Indie rock singer-songwriter Elliott Smith, who died in 2003, is remembered in Nickolas Rossi's wistful biography Heaven Adores You, which had its world premiere at the festival. Produced by Smith's high-school friend Kevin Moyer, the film features previously unreleased tracks and interviews with Smith, who spent years making music in Portland, and battled depression and substance abuse. Rossi said his film was "not necessarily a biography, but a tribute, a gift to all the fans."

 

From Kevin Moyer's Heaven Adores You. Courtesy of San Francisco Film Society

 

Only the most dedicated pop music fan knows the name of talent manager Shep Gordon, but Gordon's address book is filled with names of celebrities who consider him a friend, from longtime client Alice Cooper to actor Michael Douglas, to celebrity chef Emeril Legasse. In Supermensch: The Legend of Shep Gordon, directed by comedian Mike Myers, many of them tell outrageous stories, and testify to what a mensch Gordon is. But it's Gordon himself who is the best raconteur. From tales of his wild youth as an occasional drug dealer and rock 'n' roll hustler, to sharing joint custody of a stray cat with neighbor Cary Grant, to making yak butter tea for the Dalai Lama, Gordon's stories are a delight. Fond, funny, gossipy and consistently entertaining, the film shows why, as Myers says in the film, "Shep is the nicest person I've ever met, hands down."

 

From Mike Myers' Supermensch: The Legend of Shep Gordon. Courtesy of San Francisco Film Society

 

French filmmaker Agnès Varda has had several careers, from photographer to New Wave icon to documentarian. At 85, she could be forgiven for resting on her laurels. Instead, she used invitations to retrospectives and awards ceremonies around to world to indulge her adventurous appetites for all kinds of art, documenting her travels in a five-part television series, Agnès Varda From Here to There.
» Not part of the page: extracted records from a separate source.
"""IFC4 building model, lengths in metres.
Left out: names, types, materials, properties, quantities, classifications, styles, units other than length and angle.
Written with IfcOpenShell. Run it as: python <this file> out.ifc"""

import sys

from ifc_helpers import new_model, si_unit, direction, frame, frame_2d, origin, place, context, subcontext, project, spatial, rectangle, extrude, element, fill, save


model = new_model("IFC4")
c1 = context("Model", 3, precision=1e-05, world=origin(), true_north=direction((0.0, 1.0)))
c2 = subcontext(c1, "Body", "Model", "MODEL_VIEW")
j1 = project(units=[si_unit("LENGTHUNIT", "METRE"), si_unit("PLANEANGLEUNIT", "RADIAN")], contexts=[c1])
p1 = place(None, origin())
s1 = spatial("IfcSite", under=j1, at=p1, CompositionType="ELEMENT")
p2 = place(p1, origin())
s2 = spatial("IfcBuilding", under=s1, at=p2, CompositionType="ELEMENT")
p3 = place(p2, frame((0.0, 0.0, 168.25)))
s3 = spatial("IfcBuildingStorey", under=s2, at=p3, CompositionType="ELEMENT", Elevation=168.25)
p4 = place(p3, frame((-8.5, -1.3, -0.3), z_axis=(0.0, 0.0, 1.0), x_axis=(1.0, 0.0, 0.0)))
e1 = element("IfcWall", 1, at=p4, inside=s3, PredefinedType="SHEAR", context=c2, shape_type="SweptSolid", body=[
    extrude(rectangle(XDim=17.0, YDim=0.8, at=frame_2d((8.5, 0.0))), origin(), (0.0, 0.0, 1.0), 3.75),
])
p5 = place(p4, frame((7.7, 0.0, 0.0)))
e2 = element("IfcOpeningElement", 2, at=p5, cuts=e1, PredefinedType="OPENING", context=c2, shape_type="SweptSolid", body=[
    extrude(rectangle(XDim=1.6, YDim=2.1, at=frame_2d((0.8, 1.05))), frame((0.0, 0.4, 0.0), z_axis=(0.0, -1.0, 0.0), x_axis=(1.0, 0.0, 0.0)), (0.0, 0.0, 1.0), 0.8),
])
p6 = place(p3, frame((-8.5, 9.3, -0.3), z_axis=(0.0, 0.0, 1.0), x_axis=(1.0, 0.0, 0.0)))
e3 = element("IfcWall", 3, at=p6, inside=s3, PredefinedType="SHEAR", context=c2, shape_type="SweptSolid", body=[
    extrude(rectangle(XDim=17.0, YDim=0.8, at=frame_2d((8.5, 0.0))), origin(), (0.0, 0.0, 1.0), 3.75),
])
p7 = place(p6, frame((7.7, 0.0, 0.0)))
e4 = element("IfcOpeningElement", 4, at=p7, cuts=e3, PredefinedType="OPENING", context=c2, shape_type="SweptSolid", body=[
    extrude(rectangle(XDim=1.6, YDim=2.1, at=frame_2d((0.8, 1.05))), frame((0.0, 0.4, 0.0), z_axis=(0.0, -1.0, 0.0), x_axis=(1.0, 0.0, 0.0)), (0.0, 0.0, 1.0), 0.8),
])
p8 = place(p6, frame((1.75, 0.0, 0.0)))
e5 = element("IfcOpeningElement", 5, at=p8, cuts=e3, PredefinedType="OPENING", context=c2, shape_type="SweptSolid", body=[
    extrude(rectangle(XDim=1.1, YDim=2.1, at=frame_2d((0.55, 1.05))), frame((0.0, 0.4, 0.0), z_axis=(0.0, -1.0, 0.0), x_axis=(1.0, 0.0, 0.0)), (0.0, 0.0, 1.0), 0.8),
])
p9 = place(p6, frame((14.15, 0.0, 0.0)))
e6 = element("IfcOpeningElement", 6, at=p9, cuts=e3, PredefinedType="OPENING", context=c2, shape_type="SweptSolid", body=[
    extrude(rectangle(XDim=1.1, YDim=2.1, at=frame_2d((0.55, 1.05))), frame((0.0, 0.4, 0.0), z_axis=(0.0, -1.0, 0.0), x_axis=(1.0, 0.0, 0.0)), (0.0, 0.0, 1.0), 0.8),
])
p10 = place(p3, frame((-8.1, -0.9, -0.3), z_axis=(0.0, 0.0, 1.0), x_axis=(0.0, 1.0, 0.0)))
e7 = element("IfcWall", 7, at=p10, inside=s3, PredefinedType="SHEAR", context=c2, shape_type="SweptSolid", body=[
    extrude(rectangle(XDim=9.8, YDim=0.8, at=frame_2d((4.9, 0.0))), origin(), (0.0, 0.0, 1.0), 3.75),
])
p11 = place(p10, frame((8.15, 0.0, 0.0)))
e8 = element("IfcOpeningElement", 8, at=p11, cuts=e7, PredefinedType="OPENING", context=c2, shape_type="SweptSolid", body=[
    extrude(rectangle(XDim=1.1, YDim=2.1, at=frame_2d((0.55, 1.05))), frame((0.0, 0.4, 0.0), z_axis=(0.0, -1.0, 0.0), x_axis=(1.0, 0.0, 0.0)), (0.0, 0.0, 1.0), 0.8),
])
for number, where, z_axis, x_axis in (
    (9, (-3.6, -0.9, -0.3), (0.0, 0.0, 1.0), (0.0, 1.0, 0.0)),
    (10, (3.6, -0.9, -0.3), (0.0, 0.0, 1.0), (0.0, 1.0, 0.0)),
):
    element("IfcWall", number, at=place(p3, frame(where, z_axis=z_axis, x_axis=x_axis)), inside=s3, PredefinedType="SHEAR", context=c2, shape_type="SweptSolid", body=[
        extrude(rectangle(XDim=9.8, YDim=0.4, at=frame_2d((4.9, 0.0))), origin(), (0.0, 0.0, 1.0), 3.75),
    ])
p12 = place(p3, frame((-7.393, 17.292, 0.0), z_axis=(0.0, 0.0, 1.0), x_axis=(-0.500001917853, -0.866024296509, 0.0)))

Like a Gallic Sister Wendy, Varda explores whatever form of art takes her fancy: Renaissance Madonna paintings and Brazilian superheroine totems; walking on a Paris street with a cartoon cat created by famously reclusive filmmaker and longtime friend Chris Marker; or dressing up as a potato to promote her own mixed-media installation, Potatotopia, at the Venice Biennale. Far from a dilettante, Varda is a knowledgeable and delightful guide to all things artistic.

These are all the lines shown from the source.